There were a couple of things we did to rebuild. From Easter of 2009 to the end of September 2009, it was war. After the vote to remove me from leadership in September till December, it just felt like everyone was still in shock. It was aftershock. There was this big mess. The attitude was let’s just everybody grab a broom and start sweeping. There was a lot of pastoral care and counsel happening at that time. We were cleaning up the mess and it was hard. It was very painful. We were trying to reassure people, even those who stayed but were still skeptical. For many the jury was still out. They were sticking it out, but had heard so many bad things that they were watching and waiting to see what would happen.

Something changed at Christmas. We felt like the ship turned, and in January I started preaching through Colossians. The series was called “Jesus plus nothing equals everything.” And that was a foundation-laying series of 22 sermons. Basically it was me saying the answer is the gospel. The answer to everything we’ve been through as a church, the answer to everything you will go through as an individual, the answer to the brokenness of your marriage and the brokenness of your family, the answer is the gospel. It’s Jesus plus nothing. It’s not Jesus plus a particular style of music. It’s not Jesus plus a certain agenda. That was foundation-laying. There was real rebuilding happening through the winter and spring of 2010.
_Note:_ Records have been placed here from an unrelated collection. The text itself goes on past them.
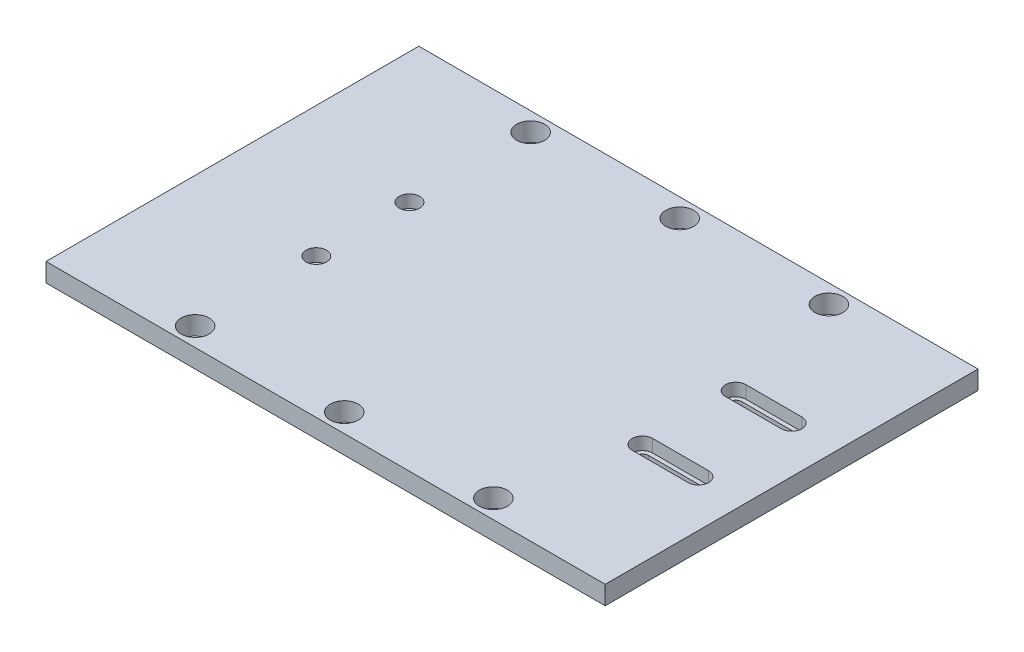
from build123d import *

# Parameters (mm, degrees)
SKETCH1_W                                           = 300
SKETCH1_H                                           = 200
BOSS_EXTRUDE1_DEPTH                                 = 5
SKETCH2_R                                           = 7.5
CUT_EXTRUDE1_DEPTH                                  = 10
LPATTERN1_COUNT                                     = 2
LPATTERN1_PITCH                                     = 180
LPATTERN1_COUNT_DIR2                                = 3
LPATTERN1_PITCH_DIR2                                = 80
HOLE_SIZE_BASED_ON_SOCKET_HEAD_CAP_SCRE_D           = 6.6
HOLE_SIZE_BASED_ON_SOCKET_HEAD_CAP_SCRE_CBORE_D     = 11
HOLE_SIZE_BASED_ON_SOCKET_HEAD_CAP_SCRE_CBORE_DEPTH = 6.8
CUT_EXTRUDE2_DEPTH                                  = 10
CUT_EXTRUDE3_DEPTH                                  = 6.8


with BuildPart() as part:
    # Sketch1 → Boss-Extrude1 (new, symmetric)
    with BuildSketch(Plane(origin=(0, 0, 0), x_dir=(1, 0, 0), z_dir=(0, 1, 0))):
        Rectangle(SKETCH1_W, SKETCH1_H)
    extrude(amount=BOSS_EXTRUDE1_DEPTH, both=True)

    # Sketch2 → Cut-Extrude1 (cut)
    with BuildSketch(Plane(origin=(0, 5, 0), x_dir=(1, 0, 0), z_dir=(0, 1, 0))):
        with Locations(Location((80, 90, 0), (0, 0, 270))):
            Circle(SKETCH2_R)
    cut_extrude1 = extrude(amount=-CUT_EXTRUDE1_DEPTH, mode=Mode.SUBTRACT)

    # LPattern1: Cut-Extrude1 2 × 3
    with Locations(*[(-j * LPATTERN1_PITCH_DIR2, 0, i * LPATTERN1_PITCH) for i in range(LPATTERN1_COUNT) for j in range(LPATTERN1_COUNT_DIR2) if (i, j) != (0, 0)]):
        add(cut_extrude1, mode=Mode.SUBTRACT)

    # Hole Size (based on socket head cap screw type)1 (through all)
    with Locations(Plane(origin=(0, 5, 0), x_dir=(1, 0, 0), z_dir=(0, 1, 0))):
        with Locations((-80, 25), (-80, -25)):
            CounterBoreHole(HOLE_SIZE_BASED_ON_SOCKET_HEAD_CAP_SCRE_D / 2, HOLE_SIZE_BASED_ON_SOCKET_HEAD_CAP_SCRE_CBORE_D / 2, HOLE_SIZE_BASED_ON_SOCKET_HEAD_CAP_SCRE_CBORE_DEPTH)

    # Sketch6 → Cut-Extrude2 (cut)
    with BuildSketch(Plane(origin=(0, 5, 0), x_dir=(1, 0, 0), z_dir=(0, 1, 0))):
        with BuildLine():
            Line((125, 21.7), (95, 21.7))
            ThreePointArc((95, 21.7), (91.7, 25), (95, 28.3))
            Line((95, 28.3), (125, 28.3))
            ThreePointArc((125, 28.3), (128.3, 25), (125, 21.7))
        make_face()
        with BuildLine():
            Line((125, -28.3), (95, -28.3))
            ThreePointArc((95, -28.3), (91.7, -25), (95, -21.7))
            Line((95, -21.7), (125, -21.7))
            ThreePointArc((125, -21.7), (128.3, -25), (125, -28.3))
        make_face()
    extrude(amount=-CUT_EXTRUDE2_DEPTH, mode=Mode.SUBTRACT)

    # Sketch7 → Cut-Extrude3 (cut)
    with BuildSketch(Plane(origin=(0, 5, 0), x_dir=(1, 0, 0), z_dir=(0, 1, 0))):
        with BuildLine():
            Line((125, 19.5), (95, 19.5))
            ThreePointArc((95, 19.5), (89.5, 25), (95, 30.5))
            Line((95, 30.5), (125, 30.5))
            ThreePointArc((125, 30.5), (130.5, 25), (125, 19.5))
        make_face()
        with BuildLine():
            Line((125, -30.5), (95, -30.5))
            ThreePointArc((95, -30.5), (89.5, -25), (95, -19.5))
            Line((95, -19.5), (125, -19.5))
            ThreePointArc((125, -19.5), (130.5, -25), (125, -30.5))
        make_face()
    extrude(amount=-CUT_EXTRUDE3_DEPTH, mode=Mode.SUBTRACT)


solid = part.part

Then we made a big decision in June 2010. One of the things I inherited when I came to Coral Ridge was a contemporary / traditional worship service split. We decided to combine the services. This was monumental in terms of rebuilding unity. I knew we had to get rid of the two-service format. I had known all along it had to go away, but I didn’t address it immediately because there were so many other things I needed to address. But after I preached the “Jesus plus nothing equals everything” series, I went to the elders and said it’s time. It’s time to pull the trigger and eliminate these separate services. And so we made the decision and announced it to our congregation. We were all going to be coming together. It’s been incredible to see the energy and unity that has come out of that decision.

There’s been a lot of talk about how the gospel is for Christians. Have we forgotten that the gospel is for pastors too?

Yes! I mean it has to be for pastors first. There’s absolutely no way that our people will experience the liberating now-power of the gospel if the pastor doesn’t even know what the liberating now-power of the gospel looks like. When I speak to pastors I say, “There is only one thing that will enable you to survive, and that’s the gospel. It’s not whether your church grows or not. It’s not having the right leadership principle. All of those things might be helpful, but the gospel is the only thing that will save you in ministry.” You inevitably face crises, slander, unfair criticism, pressure to perform in your professional and personal life. You have to have a model marriage. You’ve got to have the model children. You’ve got to be the one logging hours of private prayer every day. I mean there is heavy-duty pressure on pastors to be spiritual giants. What I love about the freeing, liberating power of the gospel is I can stand up on a Sunday morning without fear or reservation and be able to identify my own idols in front of my people. I’ll say things like, “I hate to admit this, but part of my motivation for preparing the sermon that I am preaching today is because I want you to think I’m a good preacher. It accentuates my sense of worth.” Is that embarrassing to admit? Absolutely! But it’s incredibly liberating. I don’t have to feel like I have to always be on, that I always have to be performing well, that every sermon’s got to be a homerun, that I’ve got to be modeling perfect piety before all of our people. The pressure’s off. Jesus measured up so I wouldn’t have to live under the enslaving pressure of measuring up for others. And that’s good news.